Thursday, February 4, 2016
After international laurels, a sportsman left in the lurch has not given up hopes yet
On November 17 2013, Rajendran Mani, a former Indian Air Force soldier created history at Budaors, Hungary, winning the World Bodybuilding and Physique Sports Championship in the men’s 90 kg event.
You would think that he might have received a hero’s welcome when he returned to the country, and showered with gifts and cash awards.
For Rajendran, 42, who had trained for the event under great financial stress and was able to travel to Budaors only because a well-wisher had sponsored his air tickets at the last moment, none of it happened.
Rajendran Mani at Budaors after winning the World Championship title in 2013
On the contrary, he had to shut down his once thriving gym in New Delhi, pack up his bags and return to his hometown, Chennai.
Rajendran, who was at the peak of his sports career when he won the world title and was just a step away from taking a shot at the Mr. Olympia title - the highest honour for any bodybuilder - has stopped training ever since.

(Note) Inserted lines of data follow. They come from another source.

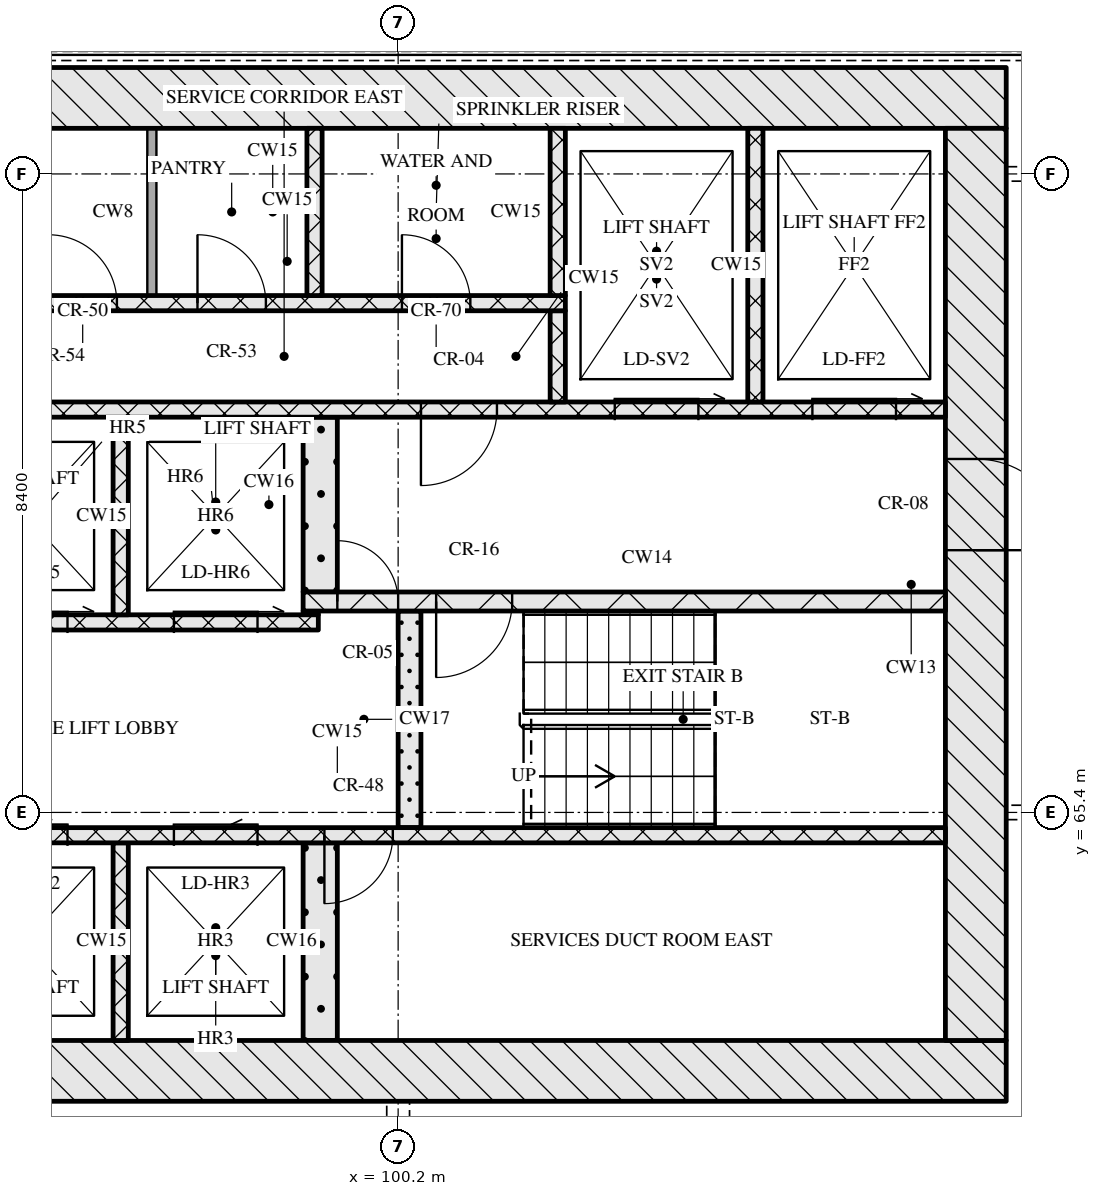
"""IFC4 building model, lengths in metres.
Left out: names, types, materials, properties, quantities, classifications, styles, units other than length and angle.
Written with IfcOpenShell. Run it as: python <this file> out.ifc"""

import sys

from ifc_helpers import new_model, si_unit, direction, frame, frame_2d, origin, place, context, subcontext, project, spatial, rectangle, extrude, element, fill, save


model = new_model("IFC4")
c1 = context("Model", 3, precision=1e-05, world=origin(), true_north=direction((0.0, 1.0)))
c2 = subcontext(c1, "Body", "Model", "MODEL_VIEW")
j1 = project(units=[si_unit("LENGTHUNIT", "METRE"), si_unit("PLANEANGLEUNIT", "RADIAN")], contexts=[c1])
p1 = place(None, origin())
s1 = spatial("IfcSite", under=j1, at=p1, CompositionType="ELEMENT")
p2 = place(p1, origin())
s2 = spatial("IfcBuilding", under=s1, at=p2, CompositionType="ELEMENT")
p3 = place(p2, frame((0.0, 0.0, 176.25)))
s3 = spatial("IfcBuildingStorey", under=s2, at=p3, CompositionType="ELEMENT", Elevation=176.25)
p4 = place(p3, frame((67.0, 62.0, 0.0), z_axis=(0.0, 0.0, 1.0), x_axis=(1.0, 0.0, 0.0)))
e1 = element("IfcWall", 1, at=p4, inside=s3, PredefinedType="SOLIDWALL", context=c2, shape_type="SweptSolid", body=[
    extrude(rectangle(XDim=41.2, YDim=0.8, at=frame_2d((20.6, 0.0))), origin(), (0.0, 0.0, 1.0), 3.32),
])
p5 = place(p4, frame((20.95, 0.0, 0.0)))
e2 = element("IfcOpeningElement", 2, at=p5, cuts=e1, PredefinedType="OPENING", context=c2, shape_type="SweptSolid", body=[
    extrude(rectangle(XDim=1.8, YDim=2.1, at=frame_2d((0.9, 1.05))), frame((0.0, 0.41, 0.0), z_axis=(0.0, -1.0, 0.0), x_axis=(1.0, 0.0, 0.0)), (0.0, 0.0, 1.0), 0.82),
])
p6 = place(p3, frame((67.0, 74.8, 0.0), z_axis=(0.0, 0.0, 1.0), x_axis=(1.0, 0.0, 0.0)))
e3 = element("IfcWall", 3, at=p6, inside=s3, PredefinedType="SOLIDWALL", context=c2, shape_type="SweptSolid", body=[
    extrude(rectangle(XDim=41.2, YDim=0.8, at=frame_2d((20.6, 0.0))), origin(), (0.0, 0.0, 1.0), 3.32),
])
p7 = place(p3, frame((107.8, 62.4, 0.0), z_axis=(0.0, 0.0, 1.0), x_axis=(0.0, 1.0, 0.0)))
e4 = element("IfcWall", 4, at=p7, inside=s3, PredefinedType="SOLIDWALL", context=c2, shape_type="SweptSolid", body=[
    extrude(rectangle(XDim=12.0, YDim=0.8, at=frame_2d((6.0, 0.0))), origin(), (0.0, 0.0, 1.0), 3.32),
])
p8 = place(p7, frame((6.45, 0.0, 0.0)))
e5 = element("IfcOpeningElement", 5, at=p8, cuts=e4, PredefinedType="OPENING", context=c2, shape_type="SweptSolid", body=[
    extrude(rectangle(XDim=1.2, YDim=2.1, at=frame_2d((0.6, 1.05))), frame((0.0, 0.41, 0.0), z_axis=(0.0, -1.0, 0.0), x_axis=(1.0, 0.0, 0.0)), (0.0, 0.0, 1.0), 0.82),
])
p9 = place(p3, frame((96.55, 62.4, 0.0), z_axis=(0.0, 0.0, 1.0), x_axis=(0.0, 1.0, 0.0)))
e6 = element("IfcWall", 6, at=p9, inside=s3, PredefinedType="SOLIDWALL", context=c2, shape_type="SweptSolid", body=[
    extrude(rectangle(XDim=2.6, YDim=0.2, at=frame_2d((1.3, 0.0))), origin(), (0.0, 0.0, 1.0), 3.32),
])
p10 = place(p3, frame((99.175, 62.4, 0.0), z_axis=(0.0, 0.0, 1.0), x_axis=(0.0, 1.0, 0.0)))
e7 = element("IfcWall", 7, at=p10, inside=s3, PredefinedType="SOLIDWALL", context=c2, shape_type="SweptSolid", body=[
    extrude(rectangle(XDim=2.6, YDim=0.45, at=frame_2d((1.3, 0.0))), origin(), (0.0, 0.0, 1.0), 3.32),
])
p11 = place(p3, frame((91.4, 65.1, 0.0), z_axis=(0.0, 0.0, 1.0), x_axis=(1.0, 0.0, 0.0)))
e8 = element("IfcWall", 8, at=p11, inside=s3, PredefinedType="SOLIDWALL", context=c2, shape_type="SweptSolid", body=[
    extrude(rectangle(XDim=16.0, YDim=0.2, at=frame_2d((8.0, 0.0))), origin(), (0.0, 0.0, 1.0), 3.32),
])
p12 = place(p11, frame((0.85, 0.0, 0.0)))
e9 = element("IfcOpeningElement", 9, at=p12, cuts=e8, PredefinedType="OPENING", context=c2, shape_type="SweptSolid", body=[
    extrude(rectangle(XDim=1.1, YDim=2.1, at=frame_2d((0.55, 1.05))), frame((0.0, 0.11, 0.0), z_axis=(0.0, -1.0, 0.0), x_axis=(1.0, 0.0, 0.0)), (0.0, 0.0, 1.0), 0.22),
])
p13 = place(p11, frame((3.35, 0.0, 0.0)))
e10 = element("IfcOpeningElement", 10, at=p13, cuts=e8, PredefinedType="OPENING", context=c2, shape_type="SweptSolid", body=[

“I was totally broke. Bodybuilding, especially in the heavyweight class, is a very expensive sport. It’s like keeping an elephant at home and feeding it.
“We need to spend a lot of money on our diet, which includes intake of plenty of food supplements,” says Rajendran, slowly opening up and sharing things that he has bottled up in his heart for the last nearly two years.
Rajendran had all along defied the odds to rise to the top, but could not carry on the fight after his world championship triumph, as the gymnasium he was running in New Delhi with a partner started making enormous losses.
He had taken to body building since his teenage years in Chennai, where he had won medals at the district level.
He joined Indian Air Force in 1996. He won his first bodybuilding championship in IAF in 2002, and later remained the undisputed inter-services champion in the 90 kg class for six years (2004-2010).
Rajendran training at the gym before his world title triumph
In 2005 he won the first of his many national championships and in 2009 bagged the Mr. Asia title.
Sadly, though, he took voluntary retirement from the Air Force in 2010, after he was denied a promotion even after winning an international title.
Later, he teamed up with a partner and started a fully air-conditioned gymnasium at Patel Nagar in New Delhi. The 2500 square feet gym became an instant hit and within no time had enrolled 300 members.
It provided income for the family and also the money that Rajendran required to maintain his diet. Just when everything seemed hunky-dory, problems began to crop up in the gym, with trainers dropping out one by one.
Rajendran led a comfortable life in New Delhi before his gymnasium ran up losses
“We started making losses, but somehow we managed to pull on till 2013. I won the world title in November 2013 and in the very next month we sold the gym and returned to Chennai,” he says.
Forsaken and forgotten, with no one to support or encourage him, Rajendran quit training and could not even defend his title at the 2014 World Championship that was held in Mumbai.
“I became mentally disturbed. I could not focus on training,” says Rajendran, who suddenly found it difficult to even meet household expenses.
He is now living in a small rented house in Tambaram with his wife and two sons, waiting for that one breakthrough, which can put him back on track to chase his unfulfilled dream of winning the Mr. Olympia title.
Rajendran on his favourite motorbike
“After the World Championship, it is the Mr. Olympia title that every bodybuilder aspires to win,” says Rajendran, who had dropped out of school after Class Six and later passed Class Ten through a distance education course he had enrolled after joining IAF.
The second child among six siblings he grew up in hard circumstances and wanted to be a sportsman like his father.
His father, a mason by profession, was also a boxer and used to take part in tournaments organised by YMCA in Chennai during the 1970s.
“I became fitness conscious from a very early age. My father was a great fan of actor MGR, who maintained his physique well.
“I tried my hand at boxing for some time. Father also knew silambam (an ancient martial art of Tamil Nadu) and stuntmen from cine-field took training from him.
“With that contact I joined a stunt master at the age of 16 and trained under him for couple of years,” he says, reminiscing his teenage years.
Rajendran with his wife and two sons
In 1996, he joined IAF, and served in Pune, Jodhpur and New Delhi.
“It was only after our second son was born, he decided to pursue body building seriously,” says his wife Priscilla Jayanthi, who is also his personal dietician and motivator.
“Daddy is my hero and role-model. I have seen how hard he had trained to win the world championship,” says Benjamin, Rajendran’s first son, studying in Class Ten, and an athlete doing 100 metres and 200 metres events.
“My father is my coach. My ambition is to become the fastest person in the world and beat Usain Bolt’s record,” he says.
Rajendran is running a food supplements shop, which provides him some income to support his family.
He hopes to find a partner to start a gym in Chennai which could provide him the income to fund his training to take part in the Mr. Olympia championship.